Exploratory analysis showed that Surf and Ultimate users exhibit broadly similar behavior in terms of calls and messages, with right-skewed distributions and the presence of heavy users in both plans. Internet usage is slightly higher on average for Ultimate users, although variability is high across both plans. Notably, Surf users more frequently approach or exceed their data limits, while Ultimate users tend to remain below included thresholds.

Revenue analysis revealed clearer distinctions between plans. The Ultimate plan generates a higher and significantly more stable average monthly revenue, characterized by low variance and predictability. In contrast, the Surf plan shows high revenue variability, driven by a subset of users who generate substantial overage charges. This makes Surf more volatile, with occasional high-revenue users but less predictable overall performance.

Statistical hypothesis testing confirmed that the difference in average monthly revenue between Surf and Ultimate users is statistically significant at the 5% significance level. However, no statistically significant difference was found between the average revenue of users in the NY–NJ region and users from other regions.

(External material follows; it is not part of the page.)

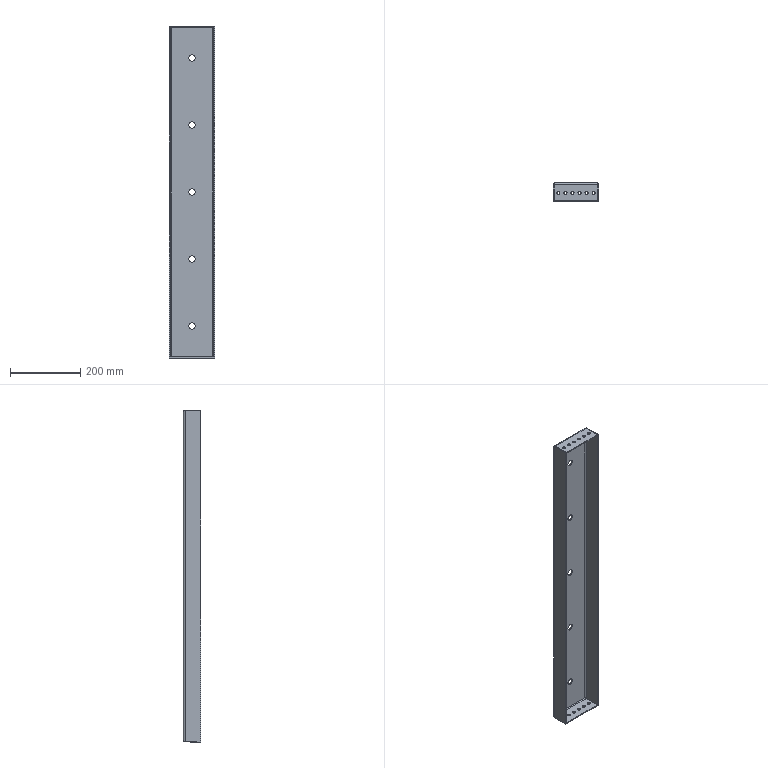Component | SolidWorks | CapacitorBeamF6-2 | 1 solid | 72 faces | volume 650710 mm3 | cylinder 42 | plane 22 | spline 8 | commonest cylinder face diameters 9 x24 18 x10 5 x4 11 x4

Overall, the results indicate that plan structure has a stronger impact on revenue stability than basic usage behavior. While Surf users can generate high revenue through overages, the Ultimate plan offers greater financial predictability and consistency. These insights can support pricing strategy, customer segmentation, and revenue forecasting decisions.